7. Conclusions
Our numerical analysis of laboratory experiments suggest that in magmatic systems at intermediate melt fractions (ca. 0.3 – 0.6), melt loss accommodated by repacking is likely a more efficient process than grain-boundary diffusion-controlled creep until the melt fraction diminishes towards the maximum packing fraction. We find that particle-particle friction exerts a dominant control over the dissipation of energy associated with compaction in this regime. At melt fractions below the maximum packing fraction, individual grains comprising the matrix are no longer able to rotate or translate freely, and further melt redistribution should be accommodated by grain-boundary diffusion-controlled creep or possibly other intracrystalline creep processes. However, the low T + P experiments of Hoyos et al.(2022) demonstrate that force chains can in some cases reduce the ability of granular media to repack and introduce ephemeral, intermediate jamming states. A consequence of jamming under high enough T + P conditions could be to augment momentarily the melt fraction at which the rheology of compacting columns transition from repacking to grain-boundary diffusion-controlled creep. Constraining the rheology of granular media when deformation is accommodated by repacking and when it is accommodated by grain-boundary diffusion-controlled creep is crucial to understand how melt is extracted in magmatic systems. Furthermore, the control exerted by particle shape and size distributions on jamming may have important ramifications for how melt is accommodated by repacking versus grain-boundary diffusion-controlled creep.
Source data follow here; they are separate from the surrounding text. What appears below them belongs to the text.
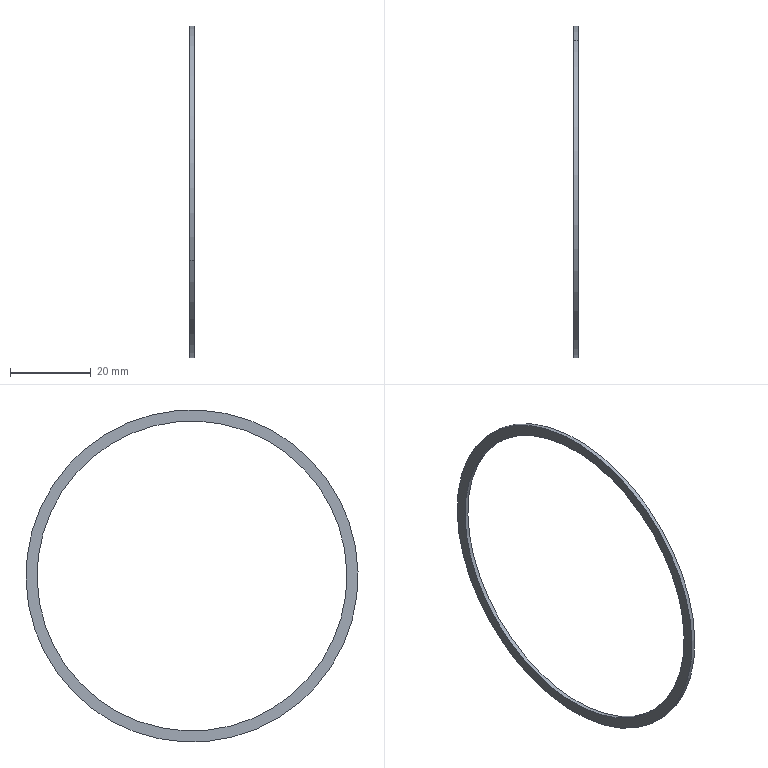Component | SolidWorks | 2018SOLIDWORKS1000000503-1 | 1 solid | 6 faces | box 1 x 82 x 82 mm | volume 685 mm3 | cylinder 4 | plane 2 | commonest cylinder face diameters 76.5 x2 82 x2 | material 201
build123d program:
from build123d import *

# Parameters (mm, degrees)
SKETCH1_R           = 41
SKETCH1_R_2         = 38.25
BOSS_EXTRUDE1_DEPTH = 1


with BuildPart() as part:
    # Sketch1 → Boss-Extrude1 (new body)
    with BuildSketch(Plane.XY):
        Circle(SKETCH1_R)
        Circle(SKETCH1_R_2, mode=Mode.SUBTRACT)
    extrude(amount=BOSS_EXTRUDE1_DEPTH)


solid = part.part

# Placed as in the assembly
solid = solid.moved(Location((6.716, -95.825, 207.018), (0, 90, 0)))
STEP:
#1=COLOUR_RGB('',0.7922,0.8196,0.9333);
#2=FILL_AREA_STYLE_COLOUR('',#1);
#3=FILL_AREA_STYLE('',(#2));
#4=SURFACE_STYLE_FILL_AREA(#3);
#5=SURFACE_SIDE_STYLE('',(#4));
#6=SURFACE_STYLE_USAGE(.BOTH.,#5);
#7=PRESENTATION_STYLE_ASSIGNMENT((#6));
#8=CARTESIAN_POINT('',(0.3038,-5.145,7.53));
#9=VERTEX_POINT('',#8);
#10=CARTESIAN_POINT('',(0.3038,-2.4,8.771));
#11=VERTEX_POINT('',#10);
#12=CARTESIAN_POINT('',(0.3038,-3.773,8.15));
#13=DIRECTION('',(1.,0.,-0.));
#14=DIRECTION('',(-0.,0.9112,0.4119));
#15=AXIS2_PLACEMENT_3D('',#12,#13,#14);
#16=CIRCLE('',#15,1.506);
#17=EDGE_CURVE('',#9,#11,#16,.T.);
#18=ORIENTED_EDGE('',*,*,#17,.T.);
#19=CARTESIAN_POINT('',(0.2644,-2.4,8.771));
#20=VERTEX_POINT('',#19);
#21=CARTESIAN_POINT('',(0.3038,-2.4,8.771));
#22=DIRECTION('',(-1.,-0.,0.));
#23=VECTOR('',#22,39.37);
#24=LINE('',#21,#23);
#25=EDGE_CURVE('',#11,#20,#24,.T.);
#26=ORIENTED_EDGE('',*,*,#25,.T.);
#27=CARTESIAN_POINT('',(0.2644,-5.145,7.53));
#28=VERTEX_POINT('',#27);
#29=CARTESIAN_POINT('',(0.2644,-3.773,8.15));
#30=DIRECTION('',(1.,0.,-0.));
#31=DIRECTION('',(-0.,0.9112,0.4119));
#32=AXIS2_PLACEMENT_3D('',#29,#30,#31);
#33=CIRCLE('',#32,1.506);
#34=EDGE_CURVE('',#28,#20,#33,.T.);
#35=ORIENTED_EDGE('',*,*,#34,.F.);
#36=CARTESIAN_POINT('',(0.3038,-5.145,7.53));
#37=DIRECTION('',(-1.,-0.,0.));
#38=VECTOR('',#37,39.37);
#39=LINE('',#36,#38);
#40=EDGE_CURVE('',#9,#28,#39,.T.);
#41=ORIENTED_EDGE('',*,*,#40,.F.);
#42=EDGE_LOOP('',(#18,#26,#35,#41));
#43=FACE_OUTER_BOUND('',#42,.T.);
#44=CARTESIAN_POINT('',(0.3038,-3.773,8.15));
#45=DIRECTION('',(-1.,-0.,0.));
#46=DIRECTION('',(0.,-0.9112,-0.4119));
#47=AXIS2_PLACEMENT_3D('',#44,#45,#46);
#48=CYLINDRICAL_SURFACE('',#47,1.506);
#49=ADVANCED_FACE('',(#43),#48,.F.);
#50=CARTESIAN_POINT('',(0.3038,-2.302,8.815));
#51=VERTEX_POINT('',#50);
#52=CARTESIAN_POINT('',(0.3038,-5.244,7.485));
#53=VERTEX_POINT('',#52);
#54=CARTESIAN_POINT('',(0.3038,-3.773,8.15));
#55=DIRECTION('',(1.,0.,-0.));
#56=DIRECTION('',(-0.,0.9112,0.4119));
#57=AXIS2_PLACEMENT_3D('',#54,#55,#56);
#58=CIRCLE('',#57,1.614);
#59=EDGE_CURVE('',#51,#53,#58,.T.);
#60=ORIENTED_EDGE('',*,*,#59,.F.);
#61=CARTESIAN_POINT('',(0.2644,-2.302,8.815));
#62=VERTEX_POINT('',#61);
#63=CARTESIAN_POINT('',(0.3038,-2.302,8.815));
#64=DIRECTION('',(-1.,-0.,0.));
#65=VECTOR('',#64,39.37);
#66=LINE('',#63,#65);
#67=EDGE_CURVE('',#51,#62,#66,.T.);
#68=ORIENTED_EDGE('',*,*,#67,.T.);
#69=CARTESIAN_POINT('',(0.2644,-5.244,7.485));
#70=VERTEX_POINT('',#69);
#71=CARTESIAN_POINT('',(0.2644,-3.773,8.15));
#72=DIRECTION('',(1.,0.,-0.));
#73=DIRECTION('',(-0.,0.9112,0.4119));
#74=AXIS2_PLACEMENT_3D('',#71,#72,#73);
#75=CIRCLE('',#74,1.614);
#76=EDGE_CURVE('',#62,#70,#75,.T.);
#77=ORIENTED_EDGE('',*,*,#76,.T.);
#78=CARTESIAN_POINT('',(0.3038,-5.244,7.485));
#79=DIRECTION('',(-1.,-0.,0.));
#80=VECTOR('',#79,39.37);
#81=LINE('',#78,#80);
#82=EDGE_CURVE('',#53,#70,#81,.T.);
#83=ORIENTED_EDGE('',*,*,#82,.F.);
#84=EDGE_LOOP('',(#60,#68,#77,#83));
#85=FACE_OUTER_BOUND('',#84,.T.);
#86=CARTESIAN_POINT('',(0.3038,-3.773,8.15));
#87=DIRECTION('',(-1.,-0.,0.));
#88=DIRECTION('',(0.,-0.9112,-0.4119));
#89=AXIS2_PLACEMENT_3D('',#86,#87,#88);
#90=CYLINDRICAL_SURFACE('',#89,1.614);
#91=ADVANCED_FACE('',(#85),#90,.T.);
#92=CARTESIAN_POINT('',(0.3038,-3.773,8.15));
#93=DIRECTION('',(1.,0.,-0.));
#94=DIRECTION('',(-0.,0.9112,0.4119));
#95=AXIS2_PLACEMENT_3D('',#92,#93,#94);
#96=CIRCLE('',#95,1.614);
#97=EDGE_CURVE('',#53,#51,#96,.T.);
#98=ORIENTED_EDGE('',*,*,#97,.T.);
#99=ORIENTED_EDGE('',*,*,#59,.T.);
#100=EDGE_LOOP('',(#98,#99));
#101=FACE_OUTER_BOUND('',#100,.T.);
#102=ORIENTED_EDGE('',*,*,#17,.F.);
#103=CARTESIAN_POINT('',(0.3038,-3.773,8.15));
#104=DIRECTION('',(1.,0.,-0.));
#105=DIRECTION('',(-0.,0.9112,0.4119));
#106=AXIS2_PLACEMENT_3D('',#103,#104,#105);
#107=CIRCLE('',#106,1.506);
#108=EDGE_CURVE('',#11,#9,#107,.T.);
#109=ORIENTED_EDGE('',*,*,#108,.F.);
#110=EDGE_LOOP('',(#102,#109));
#111=FACE_BOUND('',#110,.T.);
#112=CARTESIAN_POINT('',(0.3038,-3.773,8.15));
#113=DIRECTION('',(1.,0.,-0.));
#114=DIRECTION('',(-0.,0.9112,0.4119));
#115=AXIS2_PLACEMENT_3D('',#112,#113,#114);
#116=PLANE('',#115);
#117=ADVANCED_FACE('',(#101,#111),#116,.T.);
#118=CARTESIAN_POINT('',(0.2644,-3.773,8.15));
#119=DIRECTION('',(1.,0.,-0.));
#120=DIRECTION('',(-0.,0.9112,0.4119));
#121=AXIS2_PLACEMENT_3D('',#118,#119,#120);
#122=CIRCLE('',#121,1.614);
#123=EDGE_CURVE('',#70,#62,#122,.T.);
#124=ORIENTED_EDGE('',*,*,#123,.F.);
#125=ORIENTED_EDGE('',*,*,#76,.F.);
#126=EDGE_LOOP('',(#124,#125));
#127=FACE_OUTER_BOUND('',#126,.T.);
#128=ORIENTED_EDGE('',*,*,#34,.T.);
#129=CARTESIAN_POINT('',(0.2644,-3.773,8.15));
#130=DIRECTION('',(1.,0.,-0.));
#131=DIRECTION('',(-0.,0.9112,0.4119));
#132=AXIS2_PLACEMENT_3D('',#129,#130,#131);
#133=CIRCLE('',#132,1.506);
#134=EDGE_CURVE('',#20,#28,#133,.T.);
#135=ORIENTED_EDGE('',*,*,#134,.T.);
#136=EDGE_LOOP('',(#128,#135));
#137=FACE_BOUND('',#136,.T.);
#138=CARTESIAN_POINT('',(0.2644,-3.773,8.15));
#139=DIRECTION('',(1.,0.,-0.));
#140=DIRECTION('',(-0.,0.9112,0.4119));
#141=AXIS2_PLACEMENT_3D('',#138,#139,#140);
#142=PLANE('',#141);
#143=ADVANCED_FACE('',(#127,#137),#142,.F.);
#144=ORIENTED_EDGE('',*,*,#67,.F.);
#145=ORIENTED_EDGE('',*,*,#97,.F.);
#146=ORIENTED_EDGE('',*,*,#82,.T.);
#147=ORIENTED_EDGE('',*,*,#123,.T.);
#148=EDGE_LOOP('',(#144,#145,#146,#147));
#149=FACE_OUTER_BOUND('',#148,.T.);
#150=CARTESIAN_POINT('',(0.3038,-3.773,8.15));
#151=DIRECTION('',(-1.,-0.,0.));
#152=DIRECTION('',(0.,-0.9112,-0.4119));
#153=AXIS2_PLACEMENT_3D('',#150,#151,#152);
#154=CYLINDRICAL_SURFACE('',#153,1.614);
#155=ADVANCED_FACE('',(#149),#154,.T.);
#156=ORIENTED_EDGE('',*,*,#25,.F.);
#157=ORIENTED_EDGE('',*,*,#108,.T.);
#158=ORIENTED_EDGE('',*,*,#40,.T.);
#159=ORIENTED_EDGE('',*,*,#134,.F.);
#160=EDGE_LOOP('',(#156,#157,#158,#159));
#161=FACE_OUTER_BOUND('',#160,.T.);
#162=CARTESIAN_POINT('',(0.3038,-3.773,8.15));
#163=DIRECTION('',(-1.,-0.,0.));
#164=DIRECTION('',(0.,-0.9112,-0.4119));
#165=AXIS2_PLACEMENT_3D('',#162,#163,#164);
#166=CYLINDRICAL_SURFACE('',#165,1.506);
#167=ADVANCED_FACE('',(#161),#166,.F.);
#168=CLOSED_SHELL('',(#49,#91,#117,#143,#155,#167));
#169=MANIFOLD_SOLID_BREP('',#168);
#170=STYLED_ITEM('',(#7),#169);
#171=PRESENTATION_LAYER_ASSIGNMENT('','',(#170));
#172=(LENGTH_UNIT()NAMED_UNIT(*)SI_UNIT($,.METRE.));
#173=LENGTH_MEASURE_WITH_UNIT(LENGTH_MEASURE(0.0254),#172);
#174=DIMENSIONAL_EXPONENTS(1.,0.,0.,0.,0.,0.,0.);
#175=(CONVERSION_BASED_UNIT('',#173)LENGTH_UNIT()NAMED_UNIT(#174));
#176=UNCERTAINTY_MEASURE_WITH_UNIT(LENGTH_MEASURE(0.00001),#175,'','');
#177=(NAMED_UNIT(*)PLANE_ANGLE_UNIT()SI_UNIT($,.RADIAN.));
#178=(NAMED_UNIT(*)SI_UNIT($,.STERADIAN.)SOLID_ANGLE_UNIT());
#179=(GEOMETRIC_REPRESENTATION_CONTEXT(3)GLOBAL_UNCERTAINTY_ASSIGNED_CONTEXT((#176))GLOBAL_UNIT_ASSIGNED_CONTEXT((#175,#177,#178))REPRESENTATION_CONTEXT('',''));
#180=MECHANICAL_DESIGN_GEOMETRIC_PRESENTATION_REPRESENTATION('',(#170),#179);
#181=CARTESIAN_POINT('',(0.,0.,0.));
#182=DIRECTION('',(0.,0.,1.));
#183=DIRECTION('',(1.,0.,0.));
#184=AXIS2_PLACEMENT_3D('',#181,#182,#183);
#185=(LENGTH_UNIT()NAMED_UNIT(*)SI_UNIT($,.METRE.));
#186=LENGTH_MEASURE_WITH_UNIT(LENGTH_MEASURE(0.0254),#185);
#187=DIMENSIONAL_EXPONENTS(1.,0.,0.,0.,0.,0.,0.);
#188=(CONVERSION_BASED_UNIT('',#186)LENGTH_UNIT()NAMED_UNIT(#187));
#189=UNCERTAINTY_MEASURE_WITH_UNIT(LENGTH_MEASURE(0.00001),#188,'','');
#190=(NAMED_UNIT(*)PLANE_ANGLE_UNIT()SI_UNIT($,.RADIAN.));
#191=(NAMED_UNIT(*)SI_UNIT($,.STERADIAN.)SOLID_ANGLE_UNIT());
#192=(GEOMETRIC_REPRESENTATION_CONTEXT(3)GLOBAL_UNCERTAINTY_ASSIGNED_CONTEXT((#189))GLOBAL_UNIT_ASSIGNED_CONTEXT((#188,#190,#191))REPRESENTATION_CONTEXT('',''));
#193=ADVANCED_BREP_SHAPE_REPRESENTATION('',(#169,#184),#192);

Geologically, in regions of partially molten rock where melt is largely redistributed by grain-boundary diffusion-controlled creep, its fingerprint is recorded by virtue of crystal overgrowths, zoning truncations, etc. (Holness, 2018). In regions where, instead, melt is redistributed largely by repacking, such signatures may be absent (Holness, 2018), weak, or in isolated regions where ephemeral jamming states persisted due to the buildup of force chains. Several plutons in the geologic rock record have been investigated and show evidence of significant phase separation (Cornet et al. , 2022, Fiedrichet al. , 2017, Hartung et al. , 2017, Lee & Morton, 2015, Tavazzani et al. , 2020). Such evidence includes a plethora of chemical compositions along unmixing lines between chemical endmembers (cumulate and extract) (Cornet et al. , 2022, Hartung et al. , 2017, Schaen et al. , 2018, Tavazzani et al. , 2020), shape-preferred orientation in matrix forming crystals that increases in intensity towards the base of the pluton (Fiedrich et al. , 2017, Garibaldi et al. , 2018), and gradients in melt fraction obtained by trace elements or modal mineral abundance (Fiedrich et al. , 2017, Gelman et al. , 2014, Hartung et al. , 2017, McKenzie, 2011, Tegner et al. , 2009). Future work integrating numerical models, textural and chemical sample analysis, and experiments will be crucial to understand how melt is segregated across a wide spectrum of melt fraction, the timescales required to construct large eruptible magma-rich horizons, and to interpret chemical signatures of igneous bodies.